Low-cost refactoring can now be used for legacy code situations where previously, no one wanted to invest in improving old code. But with an agent, tactical refactoring of older code is a viable option in pursuit of larger architectural change. As someone who has improved old applications by hand that were meant to be phased out, I welcome this new ability.
You can also consider partial refactorings. When you ask the agent for detailed plans for different high level ideas, you can look across them and see steps that are valuable on their own. In my experiments, there were a few times when I implemented pieces from different plans that I felt had strong independent benefits, even when the larger refactoring plans had uncertain value.
Think of potential team impact and merging problems
Just like human refactorings, you have to consider what impact your changes will have on the project, and what other team members would think. But never before has so much change been possible between standup meetings! I once spent a few hours doing a lot of bold refactoring ideas, and then realized the resulting pull request would be so massive and disruptive, that it would be very hard to review. It would certainly make it too difficult for anyone else to merge their work, no matter how valuable the agent made the changes sound.
For large potential changes, it is best to come up with refactoring plans and share them with the team and discuss their value. Then you can plan how they would get merged.
Keep architectural guidelines in your context window
Coding agent experts take time to put a lot of instructions and guidelines into places where the tool can see them for every prompt. (In Claude Code, this is the claude.md file). For refactoring, this is also important. If there are reasons why your architecture is set up in non-standard ways, you should explain why in your context window and constrain choices. You can also ask it to run certain tools and tests as part of its analysis. Having the team share a context window file was already a good idea, and it could also prevent someone’s unwise refactoring idea from becoming a pull request.
take time to review refactored code as a learning experience
On a large refactoring affecting many files, I do not merely spot check and run tests. I make time - sometimes in the evenings after my children all go to bed - to have a focused experience just looking at what the agent had done.
I find these focused reviews give me get a feel for how Claude refactors, and I believe they help me improve what I ask the agent for. This isn’t a science, and I can’t explain exactly what I have learned, but it has improved my state of mind while using agents and reviewing coding results. Sometimes, I will refactor what it did a little, making changes here and there. But most of all, it is an excuse to take a closer look at a lot of code I did not write myself.
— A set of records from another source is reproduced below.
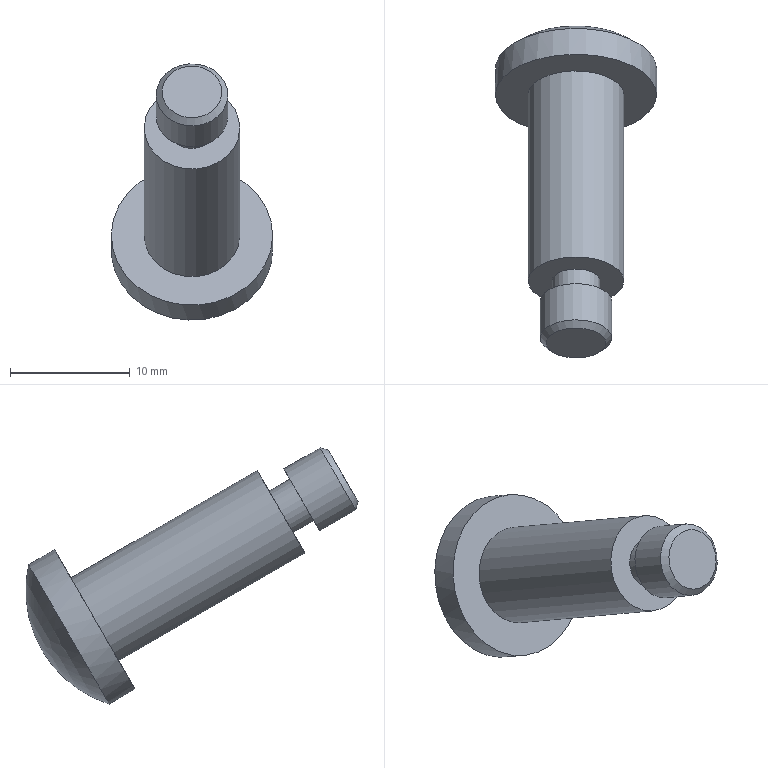Component | NX | CONNECTING_SHAFT_3 | 1 solid | 10 faces | box 13.5 x 27.81 x 21.44 mm | volume 1596 mm3 | plane 4 | cylinder 4 | cone 1 | sphere 1 | commonest cylinder face diameters 6 x1 4 x1 8 x1 13.5 x1
STEP:
#1=CARTESIAN_POINT('',(0.,0.,0.));
#2=DIRECTION('',(0.,0.,1.));
#3=DIRECTION('',(1.,0.,0.));
#4=AXIS2_PLACEMENT_3D('',#1,#2,#3);
#5=CARTESIAN_POINT('',(-8.467,14.853,-80.275));
#6=VERTEX_POINT('',#5);
#7=CARTESIAN_POINT('',(-8.293,13.856,-82.));
#8=DIRECTION('',(0.,0.866,-0.5));
#9=DIRECTION('',(-0.08716,0.4981,0.8627));
#10=AXIS2_PLACEMENT_3D('',#7,#8,#9);
#11=CIRCLE('',#10,2.);
#12=CARTESIAN_POINT('',(-8.293,13.856,-82.));
#13=DIRECTION('',(0.,0.866,-0.5));
#14=DIRECTION('',(-0.08716,0.4981,0.8627));
#15=AXIS2_PLACEMENT_3D('',#12,#13,#14);
#16=PLANE('',#15);
#17=CARTESIAN_POINT('',(0.,0.));
#18=DIRECTION('',(1.,0.));
#19=AXIS2_PLACEMENT_2D('',#17,#18);
#20=CIRCLE('',#19,2.);
#21=(GEOMETRIC_REPRESENTATION_CONTEXT(2)PARAMETRIC_REPRESENTATION_CONTEXT()REPRESENTATION_CONTEXT('',''));
#22=DEFINITIONAL_REPRESENTATION('',(#20),#21);
#23=PCURVE('',#16,#22);
#24=CARTESIAN_POINT('',(-8.293,13.856,-82.));
#25=DIRECTION('',(0.,0.866,-0.5));
#26=DIRECTION('',(-0.08716,0.4981,0.8627));
#27=AXIS2_PLACEMENT_3D('',#24,#25,#26);
#28=CYLINDRICAL_SURFACE('',#27,2.);
#29=CARTESIAN_POINT('',(0.,0.));
#30=DIRECTION('',(1.,0.));
#31=VECTOR('',#30,1.);
#32=LINE('',#29,#31);
#33=(GEOMETRIC_REPRESENTATION_CONTEXT(2)PARAMETRIC_REPRESENTATION_CONTEXT()REPRESENTATION_CONTEXT('',''));
#34=DEFINITIONAL_REPRESENTATION('',(#32),#33);
#35=PCURVE('',#28,#34);
#36=SURFACE_CURVE('',#11,(#23,#35),.PCURVE_S1.);
#37=EDGE_CURVE('',#6,#6,#36,.T.);
#38=ORIENTED_EDGE('',*,*,#37,.F.);
#39=EDGE_LOOP('',(#38));
#40=FACE_BOUND('',#39,.T.);
#41=CARTESIAN_POINT('',(-8.554,15.351,-79.412));
#42=VERTEX_POINT('',#41);
#43=CARTESIAN_POINT('',(-8.293,13.856,-82.));
#44=DIRECTION('',(-0.,-0.866,0.5));
#45=DIRECTION('',(-0.08716,0.4981,0.8627));
#46=AXIS2_PLACEMENT_3D('',#43,#44,#45);
#47=CIRCLE('',#46,3.);
#48=CARTESIAN_POINT('',(3.,-0.));
#49=CARTESIAN_POINT('',(3.,-5.196));
#50=CARTESIAN_POINT('',(-1.5,-2.598));
#51=CARTESIAN_POINT('',(-6.,0.));
#52=CARTESIAN_POINT('',(-1.5,2.598));
#53=CARTESIAN_POINT('',(3.,5.196));
#54=CARTESIAN_POINT('',(3.,-0.));
#55=(BOUNDED_CURVE()B_SPLINE_CURVE(2,(#48,#49,#50,#51,#52,#53,#54),.UNSPECIFIED.,.T.,.F.)B_SPLINE_CURVE_WITH_KNOTS((1,2,2,2,2,1),(-2.094,0.,2.094,4.189,6.283,8.378),.UNSPECIFIED.)CURVE()GEOMETRIC_REPRESENTATION_ITEM()RATIONAL_B_SPLINE_CURVE((1.,0.5,1.,0.5,1.,0.5,1.))REPRESENTATION_ITEM(''));
#56=(GEOMETRIC_REPRESENTATION_CONTEXT(2)PARAMETRIC_REPRESENTATION_CONTEXT()REPRESENTATION_CONTEXT('',''));
#57=DEFINITIONAL_REPRESENTATION('',(#55),#56);
#58=PCURVE('',#16,#57);
#59=CARTESIAN_POINT('',(-8.293,10.392,-80.));
#60=DIRECTION('',(0.,0.866,-0.5));
#61=DIRECTION('',(-0.08716,0.4981,0.8627));
#62=AXIS2_PLACEMENT_3D('',#59,#60,#61);
#63=CYLINDRICAL_SURFACE('',#62,3.);
#64=CARTESIAN_POINT('',(6.283,4.));
#65=DIRECTION('',(-1.,0.));
#66=VECTOR('',#65,1.);
#67=LINE('',#64,#66);
#68=(GEOMETRIC_REPRESENTATION_CONTEXT(2)PARAMETRIC_REPRESENTATION_CONTEXT()REPRESENTATION_CONTEXT('',''));
#69=DEFINITIONAL_REPRESENTATION('',(#67),#68);
#70=PCURVE('',#63,#69);
#71=SURFACE_CURVE('',#47,(#58,#70),.PCURVE_S1.);
#72=EDGE_CURVE('',#42,#42,#71,.T.);
#73=ORIENTED_EDGE('',*,*,#72,.F.);
#74=EDGE_LOOP('',(#73));
#75=FACE_BOUND('',#74,.T.);
#76=ADVANCED_FACE('',(#40,#75),#16,.T.);
#77=CARTESIAN_POINT('',(-8.075,9.147,-82.157));
#78=VERTEX_POINT('',#77);
#79=CARTESIAN_POINT('',(-8.293,10.392,-80.));
#80=DIRECTION('',(0.,-0.866,0.5));
#81=DIRECTION('',(0.08716,-0.4981,-0.8627));
#82=AXIS2_PLACEMENT_3D('',#79,#80,#81);
#83=CIRCLE('',#82,2.5);
#84=CARTESIAN_POINT('',(-8.293,10.392,-80.));
#85=DIRECTION('',(0.,-0.866,0.5));
#86=DIRECTION('',(0.08716,-0.4981,-0.8627));
#87=AXIS2_PLACEMENT_3D('',#84,#85,#86);
#88=PLANE('',#87);
#89=CARTESIAN_POINT('',(0.,0.));
#90=DIRECTION('',(1.,0.));
#91=AXIS2_PLACEMENT_2D('',#89,#90);
#92=CIRCLE('',#91,2.5);
#93=(GEOMETRIC_REPRESENTATION_CONTEXT(2)PARAMETRIC_REPRESENTATION_CONTEXT()REPRESENTATION_CONTEXT('',''));
#94=DEFINITIONAL_REPRESENTATION('',(#92),#93);
#95=PCURVE('',#88,#94);
#96=CARTESIAN_POINT('',(-8.293,10.825,-80.25));
#97=DIRECTION('',(0.,0.866,-0.5));
#98=DIRECTION('',(-0.08716,0.4981,0.8627));
#99=AXIS2_PLACEMENT_3D('',#96,#97,#98);
#100=CONICAL_SURFACE('',#99,3.,0.7854);
#101=CARTESIAN_POINT('',(9.425,-0.5));
#102=DIRECTION('',(-1.,0.));
#103=VECTOR('',#102,1.);
#104=LINE('',#101,#103);
#105=(GEOMETRIC_REPRESENTATION_CONTEXT(2)PARAMETRIC_REPRESENTATION_CONTEXT()REPRESENTATION_CONTEXT('',''));
#106=DEFINITIONAL_REPRESENTATION('',(#104),#105);
#107=PCURVE('',#100,#106);
#108=SURFACE_CURVE('',#83,(#95,#107),.PCURVE_S1.);
#109=EDGE_CURVE('',#78,#78,#108,.T.);
#110=ORIENTED_EDGE('',*,*,#109,.T.);
#111=EDGE_LOOP('',(#110));
#112=FACE_BOUND('',#111,.T.);
#113=ADVANCED_FACE('',(#112),#88,.T.);
#114=CARTESIAN_POINT('',(-8.031,9.331,-82.838));
#115=VERTEX_POINT('',#114);
#116=CARTESIAN_POINT('',(-8.554,12.32,-77.662));
#117=VERTEX_POINT('',#116);
#118=CARTESIAN_POINT('',(-8.293,10.825,-80.25));
#119=DIRECTION('',(0.,0.866,-0.5));
#120=DIRECTION('',(0.08716,-0.4981,-0.8627));
#121=AXIS2_PLACEMENT_3D('',#118,#119,#120);
#122=CIRCLE('',#121,3.);
#123=CARTESIAN_POINT('',(3.142,0.5));
#124=DIRECTION('',(1.,0.));
#125=VECTOR('',#124,1.);
#126=LINE('',#123,#125);
#127=(GEOMETRIC_REPRESENTATION_CONTEXT(2)PARAMETRIC_REPRESENTATION_CONTEXT()REPRESENTATION_CONTEXT('',''));
#128=DEFINITIONAL_REPRESENTATION('',(#126),#127);
#129=PCURVE('',#63,#128);
#130=CARTESIAN_POINT('',(3.142,0.));
#131=DIRECTION('',(1.,-0.));
#132=VECTOR('',#131,1.);
#133=LINE('',#130,#132);
#134=(GEOMETRIC_REPRESENTATION_CONTEXT(2)PARAMETRIC_REPRESENTATION_CONTEXT()REPRESENTATION_CONTEXT('',''));
#135=DEFINITIONAL_REPRESENTATION('',(#133),#134);
#136=PCURVE('',#100,#135);
#137=SURFACE_CURVE('',#122,(#129,#136),.PCURVE_S1.);
#138=EDGE_CURVE('',#115,#117,#137,.T.);
#139=ORIENTED_EDGE('',*,*,#138,.T.);
#140=CARTESIAN_POINT('',(-8.554,12.32,-77.662));
#141=CARTESIAN_POINT('',(-8.554,15.351,-79.412));
#142=B_SPLINE_CURVE_WITH_KNOTS('',1,(#140,#141),.UNSPECIFIED.,.F.,.F.,(2,2),(0.5,4.),.PIECEWISE_BEZIER_KNOTS.);
#143=CARTESIAN_POINT('',(6.283,0.));
#144=DIRECTION('',(0.,1.));
#145=VECTOR('',#144,1.);
#146=LINE('',#143,#145);
#147=(GEOMETRIC_REPRESENTATION_CONTEXT(2)PARAMETRIC_REPRESENTATION_CONTEXT()REPRESENTATION_CONTEXT('',''));
#148=DEFINITIONAL_REPRESENTATION('',(#146),#147);
#149=PCURVE('',#63,#148);
#150=CARTESIAN_POINT('',(0.,0.));
#151=DIRECTION('',(0.,1.));
#152=VECTOR('',#151,1.);
#153=LINE('',#150,#152);
#154=(GEOMETRIC_REPRESENTATION_CONTEXT(2)PARAMETRIC_REPRESENTATION_CONTEXT()REPRESENTATION_CONTEXT('',''));
#155=DEFINITIONAL_REPRESENTATION('',(#153),#154);
#156=PCURVE('',#63,#155);
#157=SEAM_CURVE('',#142,(#149,#156),.PCURVE_S1.);
#158=EDGE_CURVE('',#117,#42,#157,.T.);
#159=ORIENTED_EDGE('',*,*,#158,.T.);
#160=ORIENTED_EDGE('',*,*,#72,.T.);
#161=ORIENTED_EDGE('',*,*,#158,.F.);
#162=CARTESIAN_POINT('',(-8.293,10.825,-80.25));
#163=DIRECTION('',(0.,0.866,-0.5));
#164=DIRECTION('',(0.08716,-0.4981,-0.8627));
#165=AXIS2_PLACEMENT_3D('',#162,#163,#164);
#166=CIRCLE('',#165,3.);
#167=CARTESIAN_POINT('',(-3.142,0.5));
#168=DIRECTION('',(1.,0.));
#169=VECTOR('',#168,1.);
#170=LINE('',#167,#169);
#171=(GEOMETRIC_REPRESENTATION_CONTEXT(2)PARAMETRIC_REPRESENTATION_CONTEXT()REPRESENTATION_CONTEXT('',''));
#172=DEFINITIONAL_REPRESENTATION('',(#170),#171);
#173=PCURVE('',#63,#172);
#174=CARTESIAN_POINT('',(3.142,-0.));
#175=DIRECTION('',(1.,0.));
#176=VECTOR('',#175,1.);
#177=LINE('',#174,#176);
#178=(GEOMETRIC_REPRESENTATION_CONTEXT(2)PARAMETRIC_REPRESENTATION_CONTEXT()REPRESENTATION_CONTEXT('',''));
#179=DEFINITIONAL_REPRESENTATION('',(#177),#178);
#180=PCURVE('',#100,#179);
#181=SURFACE_CURVE('',#166,(#173,#180),.PCURVE_S1.);
#182=EDGE_CURVE('',#117,#115,#181,.T.);
#183=ORIENTED_EDGE('',*,*,#182,.T.);
#184=EDGE_LOOP('',(#139,#159,#160,#161,#183));
#185=FACE_BOUND('',#184,.T.);
#186=ADVANCED_FACE('',(#185),#63,.T.);
#187=ORIENTED_EDGE('',*,*,#109,.F.);
#188=CARTESIAN_POINT('',(-8.075,9.147,-82.157));
#189=CARTESIAN_POINT('',(-8.031,9.331,-82.838));
#190=B_SPLINE_CURVE_WITH_KNOTS('',1,(#188,#189),.UNSPECIFIED.,.F.,.F.,(2,2),(-0.7071,0.),.PIECEWISE_BEZIER_KNOTS.);
#191=CARTESIAN_POINT('',(9.425,0.));
#192=DIRECTION('',(0.,1.));
#193=VECTOR('',#192,1.);
#194=LINE('',#191,#193);
#195=(GEOMETRIC_REPRESENTATION_CONTEXT(2)PARAMETRIC_REPRESENTATION_CONTEXT()REPRESENTATION_CONTEXT('',''));
#196=DEFINITIONAL_REPRESENTATION('',(#194),#195);
#197=PCURVE('',#100,#196);
#198=CARTESIAN_POINT('',(3.142,0.));
#199=DIRECTION('',(0.,1.));
#200=VECTOR('',#199,1.);
#201=LINE('',#198,#200);
#202=(GEOMETRIC_REPRESENTATION_CONTEXT(2)PARAMETRIC_REPRESENTATION_CONTEXT()REPRESENTATION_CONTEXT('',''));
#203=DEFINITIONAL_REPRESENTATION('',(#201),#202);
#204=PCURVE('',#100,#203);
#205=SEAM_CURVE('',#190,(#197,#204),.PCURVE_S1.);
#206=EDGE_CURVE('',#78,#115,#205,.T.);
#207=ORIENTED_EDGE('',*,*,#206,.T.);
#208=ORIENTED_EDGE('',*,*,#182,.F.);
#209=ORIENTED_EDGE('',*,*,#138,.F.);
#210=ORIENTED_EDGE('',*,*,#206,.F.);
#211=EDGE_LOOP('',(#187,#207,#208,#209,#210));
#212=FACE_BOUND('',#211,.T.);
#213=ADVANCED_FACE('',(#212),#100,.T.);
#214=CARTESIAN_POINT('',(-8.467,16.585,-81.275));
#215=VERTEX_POINT('',#214);
#216=CARTESIAN_POINT('',(-8.293,15.588,-83.));
#217=DIRECTION('',(0.,0.866,-0.5));
#218=DIRECTION('',(-0.08716,0.4981,0.8627));
#219=AXIS2_PLACEMENT_3D('',#216,#217,#218);
#220=CIRCLE('',#219,2.);
#221=CARTESIAN_POINT('',(0.,2.));
#222=DIRECTION('',(1.,0.));
#223=VECTOR('',#222,1.);
#224=LINE('',#221,#223);
#225=(GEOMETRIC_REPRESENTATION_CONTEXT(2)PARAMETRIC_REPRESENTATION_CONTEXT()REPRESENTATION_CONTEXT('',''));
#226=DEFINITIONAL_REPRESENTATION('',(#224),#225);
#227=PCURVE('',#28,#226);
#228=CARTESIAN_POINT('',(-8.293,15.588,-83.));
#229=DIRECTION('',(0.,-0.866,0.5));
#230=DIRECTION('',(0.08716,-0.4981,-0.8627));
#231=AXIS2_PLACEMENT_3D('',#228,#229,#230);
#232=PLANE('',#231);
#233=CARTESIAN_POINT('',(-2.,-0.));
#234=CARTESIAN_POINT('',(-2.,3.464));
#235=CARTESIAN_POINT('',(1.,1.732));
#236=CARTESIAN_POINT('',(4.,0.));
#237=CARTESIAN_POINT('',(1.,-1.732));
#238=CARTESIAN_POINT('',(-2.,-3.464));
#239=CARTESIAN_POINT('',(-2.,-0.));
#240=(BOUNDED_CURVE()B_SPLINE_CURVE(2,(#233,#234,#235,#236,#237,#238,#239),.UNSPECIFIED.,.T.,.F.)B_SPLINE_CURVE_WITH_KNOTS((1,2,2,2,2,1),(-2.094,0.,2.094,4.189,6.283,8.378),.UNSPECIFIED.)CURVE()GEOMETRIC_REPRESENTATION_ITEM()RATIONAL_B_SPLINE_CURVE((1.,0.5,1.,0.5,1.,0.5,1.))REPRESENTATION_ITEM(''));
#241=(GEOMETRIC_REPRESENTATION_CONTEXT(2)PARAMETRIC_REPRESENTATION_CONTEXT()REPRESENTATION_CONTEXT('',''));
#242=DEFINITIONAL_REPRESENTATION('',(#240),#241);
#243=PCURVE('',#232,#242);
#244=SURFACE_CURVE('',#220,(#227,#243),.PCURVE_S1.);
#245=EDGE_CURVE('',#215,#215,#244,.T.);
#246=ORIENTED_EDGE('',*,*,#245,.F.);
#247=CARTESIAN_POINT('',(-8.467,14.853,-80.275));
#248=CARTESIAN_POINT('',(-8.467,16.585,-81.275));
#249=B_SPLINE_CURVE_WITH_KNOTS('',1,(#247,#248),.UNSPECIFIED.,.F.,.F.,(2,2),(0.,2.),.PIECEWISE_BEZIER_KNOTS.);
#250=CARTESIAN_POINT('',(0.,0.));
#251=DIRECTION('',(0.,1.));
#252=VECTOR('',#251,1.);
#253=LINE('',#250,#252);
#254=(GEOMETRIC_REPRESENTATION_CONTEXT(2)PARAMETRIC_REPRESENTATION_CONTEXT()REPRESENTATION_CONTEXT('',''));
#255=DEFINITIONAL_REPRESENTATION('',(#253),#254);
#256=PCURVE('',#28,#255);
#257=CARTESIAN_POINT('',(6.283,0.));
#258=DIRECTION('',(0.,1.));
#259=VECTOR('',#258,1.);
#260=LINE('',#257,#259);
#261=(GEOMETRIC_REPRESENTATION_CONTEXT(2)PARAMETRIC_REPRESENTATION_CONTEXT()REPRESENTATION_CONTEXT('',''));
#262=DEFINITIONAL_REPRESENTATION('',(#260),#261);
#263=PCURVE('',#28,#262);
#264=SEAM_CURVE('',#249,(#256,#263),.PCURVE_S1.);
#265=EDGE_CURVE('',#6,#215,#264,.T.);
#266=ORIENTED_EDGE('',*,*,#265,.F.);
#267=ORIENTED_EDGE('',*,*,#37,.T.);
#268=ORIENTED_EDGE('',*,*,#265,.T.);
#269=EDGE_LOOP('',(#246,#266,#267,#268));
#270=FACE_BOUND('',#269,.T.);
#271=ADVANCED_FACE('',(#270),#28,.T.);
#272=ORIENTED_EDGE('',*,*,#245,.T.);
#273=EDGE_LOOP('',(#272));
#274=FACE_BOUND('',#273,.T.);
#275=CARTESIAN_POINT('',(-8.641,17.581,-79.549));
#276=VERTEX_POINT('',#275);
#277=CARTESIAN_POINT('',(-8.293,15.588,-83.));
#278=DIRECTION('',(0.,0.866,-0.5));
#279=DIRECTION('',(-0.08716,0.4981,0.8627));
#280=AXIS2_PLACEMENT_3D('',#277,#278,#279);
#281=CIRCLE('',#280,4.);
#282=CARTESIAN_POINT('',(-4.,-0.));
#283=CARTESIAN_POINT('',(-4.,6.928));
#284=CARTESIAN_POINT('',(2.,3.464));
#285=CARTESIAN_POINT('',(8.,0.));
#286=CARTESIAN_POINT('',(2.,-3.464));
#287=CARTESIAN_POINT('',(-4.,-6.928));
#288=CARTESIAN_POINT('',(-4.,-0.));
#289=(BOUNDED_CURVE()B_SPLINE_CURVE(2,(#282,#283,#284,#285,#286,#287,#288),.UNSPECIFIED.,.T.,.F.)B_SPLINE_CURVE_WITH_KNOTS((1,2,2,2,2,1),(-2.094,0.,2.094,4.189,6.283,8.378),.UNSPECIFIED.)CURVE()GEOMETRIC_REPRESENTATION_ITEM()RATIONAL_B_SPLINE_CURVE((1.,0.5,1.,0.5,1.,0.5,1.))REPRESENTATION_ITEM(''));
#290=(GEOMETRIC_REPRESENTATION_CONTEXT(2)PARAMETRIC_REPRESENTATION_CONTEXT()REPRESENTATION_CONTEXT('',''));
#291=DEFINITIONAL_REPRESENTATION('',(#289),#290);
#292=PCURVE('',#232,#291);
#293=CARTESIAN_POINT('',(-8.293,15.588,-83.));
#294=DIRECTION('',(0.,0.866,-0.5));
#295=DIRECTION('',(-0.08716,0.4981,0.8627));
#296=AXIS2_PLACEMENT_3D('',#293,#294,#295);
#297=CYLINDRICAL_SURFACE('',#296,4.);
#298=CARTESIAN_POINT('',(0.,0.));
#299=DIRECTION('',(1.,0.));
#300=VECTOR('',#299,1.);
#301=LINE('',#298,#300);
#302=(GEOMETRIC_REPRESENTATION_CONTEXT(2)PARAMETRIC_REPRESENTATION_CONTEXT()REPRESENTATION_CONTEXT('',''));
#303=DEFINITIONAL_REPRESENTATION('',(#301),#302);
#304=PCURVE('',#297,#303);
#305=SURFACE_CURVE('',#281,(#292,#304),.PCURVE_S1.);
#306=EDGE_CURVE('',#276,#276,#305,.T.);
#307=ORIENTED_EDGE('',*,*,#306,.F.);
#308=EDGE_LOOP('',(#307));
#309=FACE_BOUND('',#308,.T.);
#310=ADVANCED_FACE('',(#274,#309),#232,.T.);
#311=CARTESIAN_POINT('',(-8.641,33.169,-88.549));
#312=VERTEX_POINT('',#311);
#313=CARTESIAN_POINT('',(-8.293,31.177,-92.));
#314=DIRECTION('',(0.,0.866,-0.5));
#315=DIRECTION('',(-0.08716,0.4981,0.8627));
#316=AXIS2_PLACEMENT_3D('',#313,#314,#315);
#317=CIRCLE('',#316,4.);
#318=CARTESIAN_POINT('',(0.,18.));
#319=DIRECTION('',(1.,0.));
#320=VECTOR('',#319,1.);
#321=LINE('',#318,#320);
#322=(GEOMETRIC_REPRESENTATION_CONTEXT(2)PARAMETRIC_REPRESENTATION_CONTEXT()REPRESENTATION_CONTEXT('',''));
#323=DEFINITIONAL_REPRESENTATION('',(#321),#322);
#324=PCURVE('',#297,#323);
#325=CARTESIAN_POINT('',(-8.293,31.177,-92.));
#326=DIRECTION('',(0.,-0.866,0.5));
#327=DIRECTION('',(0.08716,-0.4981,-0.8627));
#328=AXIS2_PLACEMENT_3D('',#325,#326,#327);
#329=PLANE('',#328);
#330=CARTESIAN_POINT('',(-4.,-0.));
#331=CARTESIAN_POINT('',(-4.,6.928));
#332=CARTESIAN_POINT('',(2.,3.464));
#333=CARTESIAN_POINT('',(8.,0.));
#334=CARTESIAN_POINT('',(2.,-3.464));
#335=CARTESIAN_POINT('',(-4.,-6.928));
#336=CARTESIAN_POINT('',(-4.,-0.));
#337=(BOUNDED_CURVE()B_SPLINE_CURVE(2,(#330,#331,#332,#333,#334,#335,#336),.UNSPECIFIED.,.T.,.F.)B_SPLINE_CURVE_WITH_KNOTS((1,2,2,2,2,1),(-2.094,0.,2.094,4.189,6.283,8.378),.UNSPECIFIED.)CURVE()GEOMETRIC_REPRESENTATION_ITEM()RATIONAL_B_SPLINE_CURVE((1.,0.5,1.,0.5,1.,0.5,1.))REPRESENTATION_ITEM(''));
#338=(GEOMETRIC_REPRESENTATION_CONTEXT(2)PARAMETRIC_REPRESENTATION_CONTEXT()REPRESENTATION_CONTEXT('',''));
#339=DEFINITIONAL_REPRESENTATION('',(#337),#338);
#340=PCURVE('',#329,#339);
#341=SURFACE_CURVE('',#317,(#324,#340),.PCURVE_S1.);
#342=EDGE_CURVE('',#312,#312,#341,.T.);
#343=ORIENTED_EDGE('',*,*,#342,.F.);
#344=CARTESIAN_POINT('',(-8.641,17.581,-79.549));
#345=CARTESIAN_POINT('',(-8.641,33.169,-88.549));
#346=B_SPLINE_CURVE_WITH_KNOTS('',1,(#344,#345),.UNSPECIFIED.,.F.,.F.,(2,2),(0.,18.),.PIECEWISE_BEZIER_KNOTS.);
#347=CARTESIAN_POINT('',(0.,0.));
#348=DIRECTION('',(0.,1.));
#349=VECTOR('',#348,1.);
#350=LINE('',#347,#349);
#351=(GEOMETRIC_REPRESENTATION_CONTEXT(2)PARAMETRIC_REPRESENTATION_CONTEXT()REPRESENTATION_CONTEXT('',''));
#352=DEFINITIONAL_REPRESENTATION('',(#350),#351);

We need to get a feel for these agents beyond just learning how to use them, in the same way that artisans get a feel for their tools. Refactoring with agents is not the same as what we have done for a very long time. We need to train our minds to use this new power wisely, and in the direction of excellent software. If you haven’t tried it, you probably won’t get it right every time. I certainly didn’t. But you can refactor your techniques later.